While Europe has enough gas reserves to get through this winter and prices have eased since the start of the year, inventories are being eroded by cold weather, which swept across the continent this weekend. Supply options have been squeezed since the start of this year, when Russian pipeline deliveries through Ukraine ceased following end of a transport agreement.

“There will certainly be an energy gap in Europe this year,” said Francisco Blanch, commodity strategist at Bank of America Corp. “That means that all the incremental LNG that’s coming online this year around the world will go into making up for that shortfall in Russian gas.”
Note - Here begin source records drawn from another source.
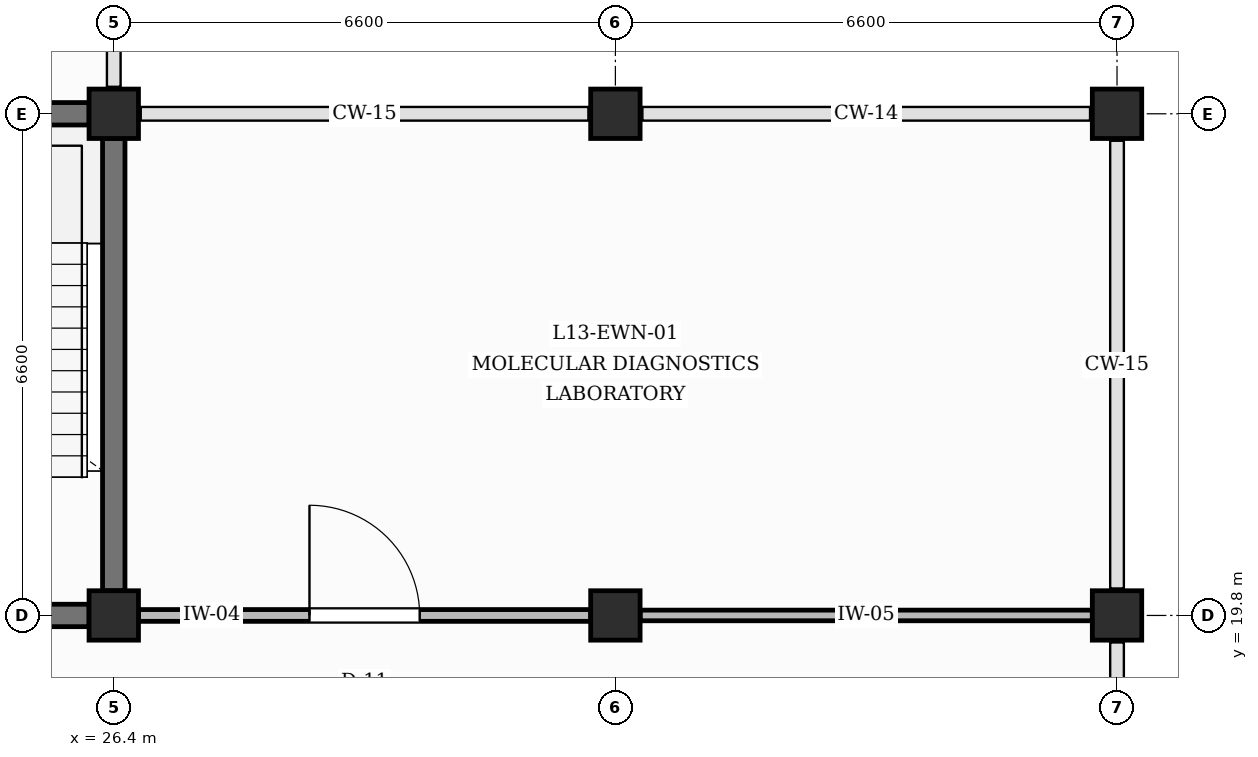
"""IFC4 building model, lengths in metres.
Left out: names, types, materials, properties, quantities, classifications, styles, units other than length and angle.
Written with IfcOpenShell. Run it as: python <this file> out.ifc"""

import sys

from ifc_helpers import new_model, si_unit, direction, frame, frame_2d, origin, origin_2d, place, context, subcontext, project, spatial, rectangle, extrude, element, fill, save


model = new_model("IFC4")
c1 = context("Model", 3, precision=1e-05, world=origin(), true_north=direction((0.0, 1.0)))
c2 = subcontext(c1, "Body", "Model", "MODEL_VIEW")
j1 = project(units=[si_unit("LENGTHUNIT", "METRE"), si_unit("PLANEANGLEUNIT", "RADIAN")], contexts=[c1])
p1 = place(None, origin())
s1 = spatial("IfcSite", under=j1, at=p1, CompositionType="ELEMENT")
p2 = place(p1, origin())
s2 = spatial("IfcBuilding", under=s1, at=p2, CompositionType="ELEMENT")
p3 = place(p2, frame((0.0, 0.0, 56.4)))
s3 = spatial("IfcBuildingStorey", under=s2, at=p3, CompositionType="ELEMENT", Elevation=56.4)
for number, where, z_axis, x_axis in (
    (1, (26.4, 19.8, 0.0), (0.0, 0.0, 1.0), (1.0, 0.0, 0.0)),
    (2, (26.4, 26.4, 0.0), (0.0, 0.0, 1.0), (1.0, 0.0, 0.0)),
    (3, (33.0, 19.8, 0.0), (0.0, 0.0, 1.0), (1.0, 0.0, 0.0)),
    (4, (33.0, 26.4, 0.0), (0.0, 0.0, 1.0), (1.0, 0.0, 0.0)),
    (5, (39.6, 19.8, 0.0), (0.0, 0.0, 1.0), (1.0, 0.0, 0.0)),
    (6, (39.6, 26.4, 0.0), (0.0, 0.0, 1.0), (1.0, 0.0, 0.0)),
):
    element("IfcColumn", number, at=place(p3, frame(where, z_axis=z_axis, x_axis=x_axis)), inside=s3, PredefinedType="COLUMN", context=c2, shape_type="SweptSolid", body=[
        extrude(rectangle(XDim=0.65, YDim=0.65, at=origin_2d()), origin(), (0.0, 0.0, 1.0), 4.2),
    ])
p4 = place(p3, frame((20.125, 19.8, 0.0), z_axis=(0.0, 0.0, 1.0), x_axis=(1.0, 0.0, 0.0)))
e7 = element("IfcWall", 7, at=p4, inside=s3, PredefinedType="SHEAR", context=c2, shape_type="SweptSolid", body=[
    extrude(rectangle(XDim=5.95, YDim=0.295, at=frame_2d((2.975, 0.0))), origin(), (0.0, 0.0, 1.0), 3.3),
])
p5 = place(p4, frame((2.425, 0.0, 0.0)))
e8 = element("IfcOpeningElement", 8, at=p5, cuts=e7, PredefinedType="OPENING", context=c2, shape_type="SweptSolid", body=[
    extrude(rectangle(XDim=1.1, YDim=2.15, at=frame_2d((0.55, 1.075))), frame((0.0, 0.157, 0.0), z_axis=(0.0, -1.0, 0.0), x_axis=(1.0, 0.0, 0.0)), (0.0, 0.0, 1.0), 0.315),
])
for number, where, z_axis, x_axis in (
    (9, (20.125, 26.4, 0.0), (0.0, 0.0, 1.0), (1.0, 0.0, 0.0)),
    (10, (26.4, 20.125, 0.0), (0.0, 0.0, 1.0), (0.0, 1.0, 0.0)),
):
    element("IfcWall", number, at=place(p3, frame(where, z_axis=z_axis, x_axis=x_axis)), inside=s3, PredefinedType="SHEAR", context=c2, shape_type="SweptSolid", body=[
        extrude(rectangle(XDim=5.95, YDim=0.295, at=frame_2d((2.975, 0.0))), origin(), (0.0, 0.0, 1.0), 3.3),
    ])
p6 = place(p3, frame((26.725, 19.8, 0.0), z_axis=(0.0, 0.0, 1.0), x_axis=(1.0, 0.0, 0.0)))
e11 = element("IfcWall", 11, at=p6, inside=s3, PredefinedType="PARTITIONING", context=c2, shape_type="SweptSolid", body=[
    extrude(rectangle(XDim=5.95, YDim=0.155, at=frame_2d((2.975, 0.0))), origin(), (0.0, 0.0, 1.0), 3.3),
])
p7 = place(p6, frame((2.25, 0.0, 0.0)))
e12 = element("IfcOpeningElement", 12, at=p7, cuts=e11, PredefinedType="OPENING", context=c2, shape_type="SweptSolid", body=[
    extrude(rectangle(XDim=1.45, YDim=2.25, at=frame_2d((0.725, 1.125))), frame((0.0, 0.087, 0.0), z_axis=(0.0, -1.0, 0.0), x_axis=(1.0, 0.0, 0.0)), (0.0, 0.0, 1.0), 0.175),
])
p8 = place(p3, frame((33.325, 19.8, 0.0), z_axis=(0.0, 0.0, 1.0), x_axis=(1.0, 0.0, 0.0)))
e13 = element("IfcWall", 13, at=p8, inside=s3, PredefinedType="PARTITIONING", context=c2, shape_type="SweptSolid", body=[
    extrude(rectangle(XDim=5.95, YDim=0.14, at=frame_2d((2.975, 0.0))), origin(), (0.0, 0.0, 1.0), 3.3),
])
p9 = place(p7, origin())
e14 = element("IfcDoor", 14, at=p9, inside=s3, OperationType="SINGLE_SWING_LEFT", PredefinedType="DOOR", context=c2, shape_type="SweptSolid", body=[
    extrude(rectangle(XDim=1.45, YDim=2.25, at=frame_2d((0.725, 1.125))), frame((0.0, 0.025, 0.0), z_axis=(0.0, -1.0, 0.0), x_axis=(1.0, 0.0, 0.0)), (0.0, 0.0, 1.0), 0.05),
])
fill(e12, e14)
save(model, sys.argv[1])

To cover its projected demand, Europe will need to import as much as an extra 10 million tons per year of LNG — about 10% more than in 2024, according to Saul Kavonic, an energy analyst at MST Marquee in Sydney. New export projects in North America could help ease market tightness, but that hinges on how quickly the facilities can ramp up production.

With fewer options to restock for next winter, Europe will need LNG shipments, pulling some away from Asia, home to the world’s biggest consumers. Depending on how demand shapes up, the competition would drive prices higher than countries like India, Bangladesh and Egypt can afford and weigh on Germany’s economic recovery.

Gas futures in Europe, which typically also impact Asian spot LNG prices, are still about 45% higher than at the same period last year and contracts are trading at around triple pre-crisis levels so far in 2025.

Price surges “would be made worse if Asia-Pacific inventories are depleted as well, which would lead to competition for cargoes,” said Jason Feer, global head of business intelligence at energy brokerage Poten & Partners Inc. in Houston.